Material can be created from graphene — research
When two sheets of graphene are connected at a certain angle, the resulting material becomes either a very efficient conductor or an excellent insulator.
Graphene has already established itself as an amazing and versatile material. In a new study, scientists discovered new properties in it that could lead to a breakthrough in the field of high-temperature superconductors and quantum computing.
Spun with the so-called "magic angle" graphene acquires new properties. By combining two sheets of graphene one atom thick at different angles, the researchers obtained a material with alternating sections of superconductivity.
“These devices will help develop new-generation high-temperature superconductors, topological devices for quantum information processing, and low-energy technologies,” says physicist Yuan Cao of MIT.
Scientists have conducted a series of experiments with the angle of application of graphene sheets. As a result, they found that a “magic angle” of 1.1 degrees endows graphene with new properties of insulation or superconductivity.
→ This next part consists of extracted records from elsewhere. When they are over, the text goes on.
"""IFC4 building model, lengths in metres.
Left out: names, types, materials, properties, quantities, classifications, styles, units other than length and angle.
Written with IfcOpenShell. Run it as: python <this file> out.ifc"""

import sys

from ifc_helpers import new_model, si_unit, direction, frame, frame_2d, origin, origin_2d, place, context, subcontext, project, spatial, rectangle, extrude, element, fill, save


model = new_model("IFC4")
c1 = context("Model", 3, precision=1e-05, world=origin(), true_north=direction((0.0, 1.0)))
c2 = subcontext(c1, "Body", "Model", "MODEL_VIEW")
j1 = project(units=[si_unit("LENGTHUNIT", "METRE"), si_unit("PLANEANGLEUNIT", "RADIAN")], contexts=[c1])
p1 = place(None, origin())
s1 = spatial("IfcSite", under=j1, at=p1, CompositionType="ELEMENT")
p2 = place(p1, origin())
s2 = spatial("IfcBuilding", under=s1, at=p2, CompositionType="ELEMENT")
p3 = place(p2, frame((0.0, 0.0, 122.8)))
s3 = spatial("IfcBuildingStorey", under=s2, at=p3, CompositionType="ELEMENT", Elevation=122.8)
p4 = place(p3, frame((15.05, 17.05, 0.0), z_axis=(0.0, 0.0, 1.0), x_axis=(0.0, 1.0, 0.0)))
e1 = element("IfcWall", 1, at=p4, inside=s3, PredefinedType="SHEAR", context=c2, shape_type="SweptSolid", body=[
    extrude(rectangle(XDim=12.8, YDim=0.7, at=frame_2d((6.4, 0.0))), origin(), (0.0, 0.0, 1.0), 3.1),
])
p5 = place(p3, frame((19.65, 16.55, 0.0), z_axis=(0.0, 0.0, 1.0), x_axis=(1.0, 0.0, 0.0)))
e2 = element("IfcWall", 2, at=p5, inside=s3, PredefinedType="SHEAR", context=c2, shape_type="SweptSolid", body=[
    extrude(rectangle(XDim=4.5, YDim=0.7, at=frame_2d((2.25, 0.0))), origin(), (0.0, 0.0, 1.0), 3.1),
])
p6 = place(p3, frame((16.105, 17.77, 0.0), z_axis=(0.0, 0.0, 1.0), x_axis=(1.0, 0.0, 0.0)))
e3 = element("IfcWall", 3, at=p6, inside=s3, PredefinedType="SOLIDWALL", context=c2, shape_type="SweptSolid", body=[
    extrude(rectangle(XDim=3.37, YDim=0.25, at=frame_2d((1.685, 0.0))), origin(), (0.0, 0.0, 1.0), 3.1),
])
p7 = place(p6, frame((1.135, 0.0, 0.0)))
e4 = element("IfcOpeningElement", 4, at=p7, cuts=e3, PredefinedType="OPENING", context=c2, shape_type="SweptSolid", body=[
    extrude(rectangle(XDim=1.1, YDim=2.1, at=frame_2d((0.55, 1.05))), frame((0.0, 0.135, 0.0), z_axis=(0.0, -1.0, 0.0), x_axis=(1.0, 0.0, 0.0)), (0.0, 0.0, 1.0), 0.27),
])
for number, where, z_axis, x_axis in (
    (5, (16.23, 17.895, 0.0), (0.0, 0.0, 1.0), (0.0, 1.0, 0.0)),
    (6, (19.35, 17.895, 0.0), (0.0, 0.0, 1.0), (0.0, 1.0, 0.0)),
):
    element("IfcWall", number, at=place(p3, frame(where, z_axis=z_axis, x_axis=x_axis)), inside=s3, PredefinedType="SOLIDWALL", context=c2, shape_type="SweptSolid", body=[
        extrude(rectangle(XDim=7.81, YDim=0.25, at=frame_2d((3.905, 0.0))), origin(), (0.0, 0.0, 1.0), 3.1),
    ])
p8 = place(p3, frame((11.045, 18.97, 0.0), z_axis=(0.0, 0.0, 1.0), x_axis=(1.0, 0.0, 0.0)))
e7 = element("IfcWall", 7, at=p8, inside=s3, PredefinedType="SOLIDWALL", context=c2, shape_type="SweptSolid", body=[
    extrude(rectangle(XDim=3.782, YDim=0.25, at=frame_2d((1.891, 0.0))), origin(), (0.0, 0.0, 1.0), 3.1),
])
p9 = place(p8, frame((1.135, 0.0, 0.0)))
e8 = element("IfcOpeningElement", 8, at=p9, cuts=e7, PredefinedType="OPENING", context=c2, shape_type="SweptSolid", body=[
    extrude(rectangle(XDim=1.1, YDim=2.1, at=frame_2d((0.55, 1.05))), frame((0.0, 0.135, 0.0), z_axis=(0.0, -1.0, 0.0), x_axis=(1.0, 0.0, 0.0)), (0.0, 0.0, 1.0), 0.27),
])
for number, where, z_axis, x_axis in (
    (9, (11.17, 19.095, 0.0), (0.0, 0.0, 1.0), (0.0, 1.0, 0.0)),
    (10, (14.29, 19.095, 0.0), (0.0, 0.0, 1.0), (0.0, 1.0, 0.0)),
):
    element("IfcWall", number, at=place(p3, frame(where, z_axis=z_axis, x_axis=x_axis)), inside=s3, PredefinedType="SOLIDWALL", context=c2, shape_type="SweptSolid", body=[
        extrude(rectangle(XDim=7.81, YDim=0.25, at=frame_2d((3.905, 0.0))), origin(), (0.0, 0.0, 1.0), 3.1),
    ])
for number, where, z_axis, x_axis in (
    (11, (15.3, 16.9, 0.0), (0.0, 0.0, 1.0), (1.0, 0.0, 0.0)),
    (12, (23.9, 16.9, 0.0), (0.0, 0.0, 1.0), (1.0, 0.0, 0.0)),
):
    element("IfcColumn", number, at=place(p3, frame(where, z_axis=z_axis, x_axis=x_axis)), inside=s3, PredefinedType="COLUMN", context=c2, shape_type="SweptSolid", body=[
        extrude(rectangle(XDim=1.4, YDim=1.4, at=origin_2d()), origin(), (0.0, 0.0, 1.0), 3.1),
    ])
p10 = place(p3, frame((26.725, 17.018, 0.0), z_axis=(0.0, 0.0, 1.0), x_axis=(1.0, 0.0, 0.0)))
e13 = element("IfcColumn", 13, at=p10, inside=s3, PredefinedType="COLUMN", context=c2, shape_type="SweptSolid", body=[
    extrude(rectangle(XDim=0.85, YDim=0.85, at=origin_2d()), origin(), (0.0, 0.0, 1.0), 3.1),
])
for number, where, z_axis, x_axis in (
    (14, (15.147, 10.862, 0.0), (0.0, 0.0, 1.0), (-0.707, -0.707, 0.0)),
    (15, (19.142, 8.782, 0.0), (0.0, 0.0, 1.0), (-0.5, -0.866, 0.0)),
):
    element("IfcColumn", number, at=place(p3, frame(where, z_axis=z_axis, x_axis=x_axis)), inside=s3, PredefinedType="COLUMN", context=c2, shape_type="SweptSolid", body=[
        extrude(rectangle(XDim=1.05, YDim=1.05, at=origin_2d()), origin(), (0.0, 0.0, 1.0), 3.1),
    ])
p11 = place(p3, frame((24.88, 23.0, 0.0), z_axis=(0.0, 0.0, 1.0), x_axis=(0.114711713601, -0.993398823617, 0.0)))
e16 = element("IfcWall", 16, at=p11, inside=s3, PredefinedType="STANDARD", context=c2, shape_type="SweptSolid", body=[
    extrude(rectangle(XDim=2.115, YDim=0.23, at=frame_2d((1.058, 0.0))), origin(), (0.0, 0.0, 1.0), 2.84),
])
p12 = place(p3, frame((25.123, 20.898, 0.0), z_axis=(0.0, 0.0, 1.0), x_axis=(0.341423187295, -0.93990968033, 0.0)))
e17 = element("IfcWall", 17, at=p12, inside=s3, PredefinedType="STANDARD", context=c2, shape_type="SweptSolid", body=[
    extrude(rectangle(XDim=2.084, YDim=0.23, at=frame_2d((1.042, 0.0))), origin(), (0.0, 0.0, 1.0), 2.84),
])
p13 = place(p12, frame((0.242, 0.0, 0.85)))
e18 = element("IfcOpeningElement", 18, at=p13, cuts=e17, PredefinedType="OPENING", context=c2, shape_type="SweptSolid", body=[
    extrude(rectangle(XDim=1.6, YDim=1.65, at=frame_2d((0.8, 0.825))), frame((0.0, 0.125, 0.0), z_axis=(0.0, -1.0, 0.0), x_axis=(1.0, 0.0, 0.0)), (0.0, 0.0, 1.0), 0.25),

The angle creates a gradient that induces current, and the wider it is, the more modest physical transformations. Researchers identified all the characteristics observed with a change in angle, describing the changes in their work. In the future, the experimental results will allow the creation of improved structures from twisted graphene.
Research in this area is just beginning, and a sheet of several layers of graphene superimposed at a certain angle can find application in physics and materials science.
Graphene has already established itself as an amazing and versatile material. In a new study, scientists discovered new properties in it that could lead to a breakthrough in the field of high-temperature superconductors and quantum computing.
Spun with the so-called "magic angle" graphene acquires new properties. By combining two sheets of graphene one atom thick at different angles, the researchers obtained a material with alternating sections of superconductivity.
“These devices will help develop new-generation high-temperature superconductors, topological devices for quantum information processing, and low-energy technologies,” says physicist Yuan Cao of MIT.
Scientists have conducted a series of experiments with the angle of application of graphene sheets. As a result, they found that a “magic angle” of 1.1 degrees endows graphene with new properties of insulation or superconductivity.
The angle creates a gradient that induces current, and the wider it is, the more modest physical transformations. Researchers identified all the characteristics observed with a change in angle, describing the changes in their work. In the future, the experimental results will allow the creation of improved structures from twisted graphene.
Research in this area is just beginning, and a sheet of several layers of graphene superimposed at a certain angle can find application in physics and materials science.